# Marketplace email



## Jax44 (Jun 9, 2018)

In the Marketplace, if I click on email in an ad, it just fades color but no window to email. Any suggestions?


----------



## dayooper (Jun 9, 2018)

Jax44 said:


> In the Marketplace, if I click on email in an ad, it just fades color but no window to email. Any suggestions?



i got the message window to come up when I clicked the email button on an ad. Try reloading the page? 

Are you on a computer, tablet or phone. I brought it up no problem on my Mac. If it's a computer, try restarting it.


----------



## Egret1986 (Jun 9, 2018)

You have to do a copy and paste into your email.  I believe TUG Brian recently posted the reasoning for this.


----------



## Jax44 (Jun 9, 2018)

Egret1986 said:


> You have to do a copy and paste into your email.  I believe TUG Brian recently posted the reasoning for this.



Ok. 
I was on my iPhone by the way, will try copy and paste.
Thanks!


----------



## TUGBrian (Jun 10, 2018)

could you elaborate on what you are clicking on?  the only link on an ad should say "contact this member" and bring up a contact window for you to fill out your information and send a message to the ad poster.
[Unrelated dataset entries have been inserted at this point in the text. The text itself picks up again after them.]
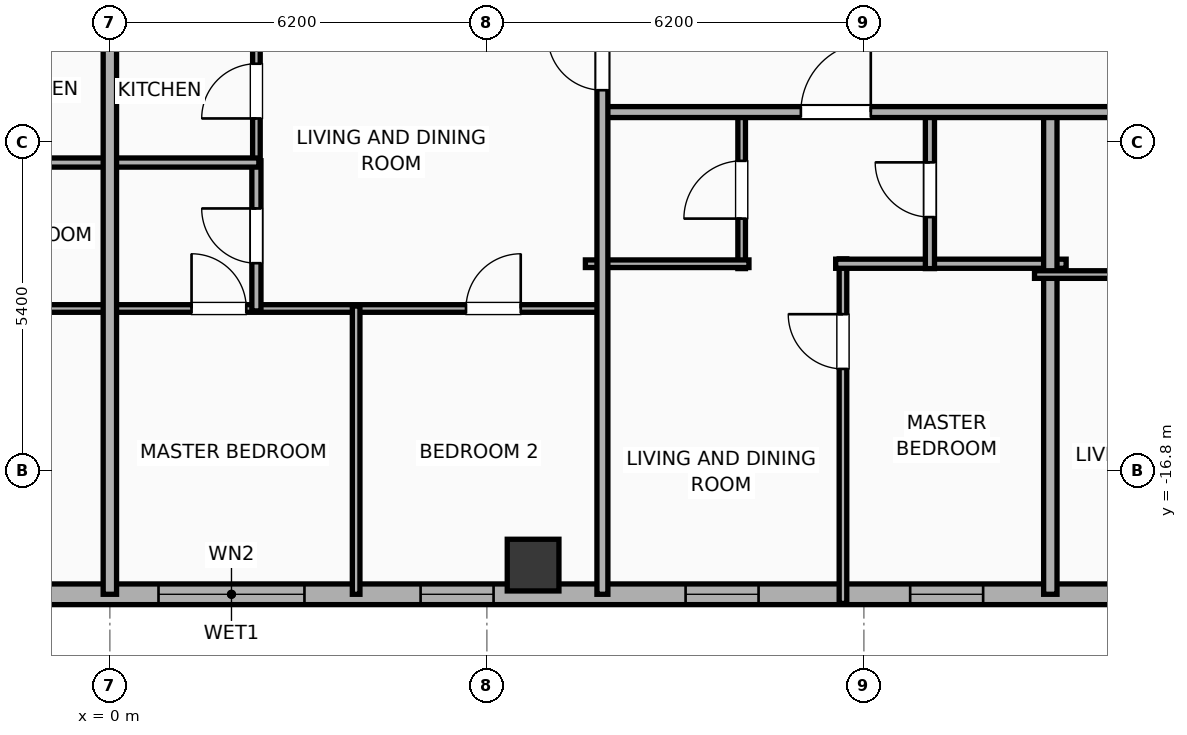
"""IFC4 building model, lengths in metres.
Left out: names, types, materials, properties, quantities, classifications, styles, units other than length and angle.
Written with IfcOpenShell. Run it as: python <this file> out.ifc"""

import sys

from ifc_helpers import new_model, si_unit, direction, frame, frame_2d, origin, origin_2d, place, context, subcontext, project, spatial, rectangle, hollow_rectangle, extrude, element, fill, save


model = new_model("IFC4")
c1 = context("Model", 3, precision=1e-05, world=origin(), true_north=direction((0.0, 1.0)))
c2 = subcontext(c1, "Body", "Model", "MODEL_VIEW")
j1 = project(units=[si_unit("LENGTHUNIT", "METRE"), si_unit("PLANEANGLEUNIT", "RADIAN")], contexts=[c1])
p1 = place(None, origin())
s1 = spatial("IfcSite", under=j1, at=p1, CompositionType="ELEMENT")
p2 = place(p1, origin())
s2 = spatial("IfcBuilding", under=s1, at=p2, CompositionType="ELEMENT")
p3 = place(p2, frame((0.0, 0.0, 243.1)))
s3 = spatial("IfcBuildingStorey", under=s2, at=p3, CompositionType="ELEMENT", Elevation=243.1)
p4 = place(p3, frame((6.96, -18.35, 0.0), z_axis=(0.0, 0.0, 1.0), x_axis=(1.0, 0.0, 0.0)))
e1 = element("IfcColumn", 1, at=p4, inside=s3, PredefinedType="COLUMN", context=c2, shape_type="SweptSolid", body=[
    extrude(hollow_rectangle(XDim=0.85, YDim=0.85, WallThickness=0.028, at=origin_2d()), origin(), (0.0, 0.0, 1.0), 3.9),
])
p5 = place(p3, frame((26.783, -18.83, 0.0), z_axis=(0.0, 0.0, 1.0), x_axis=(-1.0, 0.0, 0.0)))
e2 = element("IfcWall", 2, at=p5, inside=s3, PredefinedType="ELEMENTEDWALL", context=c2, shape_type="SweptSolid", body=[
    extrude(rectangle(XDim=49.566, YDim=0.34, at=frame_2d((24.783, 0.0))), origin(), (0.0, 0.0, 1.0), 3.65),
])
p6 = place(p5, frame((23.583, 0.0, 0.75)))
e3 = element("IfcOpeningElement", 3, at=p6, cuts=e2, PredefinedType="OPENING", context=c2, shape_type="SweptSolid", body=[
    extrude(rectangle(XDim=2.4, YDim=2.1, at=frame_2d((1.2, 1.05))), frame((0.0, 0.18, 0.0), z_axis=(0.0, -1.0, 0.0), x_axis=(1.0, 0.0, 0.0)), (0.0, 0.0, 1.0), 0.36),
])
p7 = place(p5, frame((41.756, 0.0, 0.75)))
e4 = element("IfcOpeningElement", 4, at=p7, cuts=e2, PredefinedType="OPENING", context=c2, shape_type="SweptSolid", body=[
    extrude(rectangle(XDim=2.4, YDim=2.1, at=frame_2d((1.2, 1.05))), frame((0.0, 0.18, 0.0), z_axis=(0.0, -1.0, 0.0), x_axis=(1.0, 0.0, 0.0)), (0.0, 0.0, 1.0), 0.36),
])
p8 = place(p5, frame((47.222, 0.0, 0.75)))
e5 = element("IfcOpeningElement", 5, at=p8, cuts=e2, PredefinedType="OPENING", context=c2, shape_type="SweptSolid", body=[
    extrude(rectangle(XDim=1.2, YDim=2.05, at=frame_2d((0.6, 1.025))), frame((0.0, 0.18, 0.0), z_axis=(0.0, -1.0, 0.0), x_axis=(1.0, 0.0, 0.0)), (0.0, 0.0, 1.0), 0.36),
])
p9 = place(p5, frame((45.263, 0.0, 0.75)))
e6 = element("IfcOpeningElement", 6, at=p9, cuts=e2, PredefinedType="OPENING", context=c2, shape_type="SweptSolid", body=[
    extrude(rectangle(XDim=1.2, YDim=2.05, at=frame_2d((0.6, 1.025))), frame((0.0, 0.18, 0.0), z_axis=(0.0, -1.0, 0.0), x_axis=(1.0, 0.0, 0.0)), (0.0, 0.0, 1.0), 0.36),
])
p10 = place(p5, frame((37.289, 0.0, 0.75)))
e7 = element("IfcOpeningElement", 7, at=p10, cuts=e2, PredefinedType="OPENING", context=c2, shape_type="SweptSolid", body=[
    extrude(rectangle(XDim=1.2, YDim=2.05, at=frame_2d((0.6, 1.025))), frame((0.0, 0.18, 0.0), z_axis=(0.0, -1.0, 0.0), x_axis=(1.0, 0.0, 0.0)), (0.0, 0.0, 1.0), 0.36),
])
p11 = place(p5, frame((16.115, 0.0, 0.75)))
e8 = element("IfcOpeningElement", 8, at=p11, cuts=e2, PredefinedType="OPENING", context=c2, shape_type="SweptSolid", body=[
    extrude(rectangle(XDim=1.2, YDim=2.05, at=frame_2d((0.6, 1.025))), frame((0.0, 0.18, 0.0), z_axis=(0.0, -1.0, 0.0), x_axis=(1.0, 0.0, 0.0)), (0.0, 0.0, 1.0), 0.36),
])
p12 = place(p5, frame((12.422, 0.0, 0.75)))
e9 = element("IfcOpeningElement", 9, at=p12, cuts=e2, PredefinedType="OPENING", context=c2, shape_type="SweptSolid", body=[
    extrude(rectangle(XDim=1.2, YDim=2.05, at=frame_2d((0.6, 1.025))), frame((0.0, 0.18, 0.0), z_axis=(0.0, -1.0, 0.0), x_axis=(1.0, 0.0, 0.0)), (0.0, 0.0, 1.0), 0.36),
])
p13 = place(p5, frame((8.01, 0.0, 0.75)))
e10 = element("IfcOpeningElement", 10, at=p13, cuts=e2, PredefinedType="OPENING", context=c2, shape_type="SweptSolid", body=[
    extrude(rectangle(XDim=1.2, YDim=2.05, at=frame_2d((0.6, 1.025))), frame((0.0, 0.18, 0.0), z_axis=(0.0, -1.0, 0.0), x_axis=(1.0, 0.0, 0.0)), (0.0, 0.0, 1.0), 0.36),
])
p14 = place(p5, frame((5.037, 0.0, 0.75)))
e11 = element("IfcOpeningElement", 11, at=p14, cuts=e2, PredefinedType="OPENING", context=c2, shape_type="SweptSolid", body=[
    extrude(rectangle(XDim=1.2, YDim=2.05, at=frame_2d((0.6, 1.025))), frame((0.0, 0.18, 0.0), z_axis=(0.0, -1.0, 0.0), x_axis=(1.0, 0.0, 0.0)), (0.0, 0.0, 1.0), 0.36),
])
p15 = place(p5, frame((1.811, 0.0, 0.75)))
e12 = element("IfcOpeningElement", 12, at=p15, cuts=e2, PredefinedType="OPENING", context=c2, shape_type="SweptSolid", body=[
    extrude(rectangle(XDim=1.2, YDim=2.05, at=frame_2d((0.6, 1.025))), frame((0.0, 0.18, 0.0), z_axis=(0.0, -1.0, 0.0), x_axis=(1.0, 0.0, 0.0)), (0.0, 0.0, 1.0), 0.36),
])
p16 = place(p5, frame((32.253, 0.0, 0.75)))
e13 = element("IfcOpeningElement", 13, at=p16, cuts=e2, PredefinedType="OPENING", context=c2, shape_type="SweptSolid", body=[
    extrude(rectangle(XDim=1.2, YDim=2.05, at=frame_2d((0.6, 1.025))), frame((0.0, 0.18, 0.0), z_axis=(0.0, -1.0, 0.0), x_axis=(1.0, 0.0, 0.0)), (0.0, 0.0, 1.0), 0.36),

do you perhaps mean you are reading a message and trying to reply to the email that sent the message?  if doing this thru a browser it will perform whatever action your browser is configured to do when clicking on an email on a website.  if you have not configured your browser (or phone) to utilize a default email program (gmail/hotmail/etc) clicking the link might not do anything and you would indeed need to copy and paste the email address into whatever email system you wish to use to reply.


----------



## Jax44 (Jun 10, 2018)

TUGBrian said:


> could you elaborate on what you are clicking on?  the only link on an ad should say "contact this member" and bring up a contact window for you to fill out your information and send a message to the ad poster.
> 
> do you perhaps mean you are reading a message and trying to reply to the email that sent the message?  if doing this thru a browser it will perform whatever action your browser is configured to do when clicking on an email on a website.  if you have not configured your browser (or phone) to utilize a default email program (gmail/hotmail/etc) clicking the link might not do anything and you would indeed need to copy and paste the email address into whatever email system you wish to use to reply.


Here is a screenshot:
When I click on email, nothing happens.


----------



## TUGBrian (Jun 10, 2018)

ah ok, that might be a browser issue or setting depending on what you are using to access the marketplace?  did you say you were using a phone?  if it wont let you click it at all, perhaps there is a security setting on your browser that thinks the link is spam or malicious or something?  we always suggest trying to add tug2.com to the list of trusted sites or exceptions list to bypass things like that if you can.  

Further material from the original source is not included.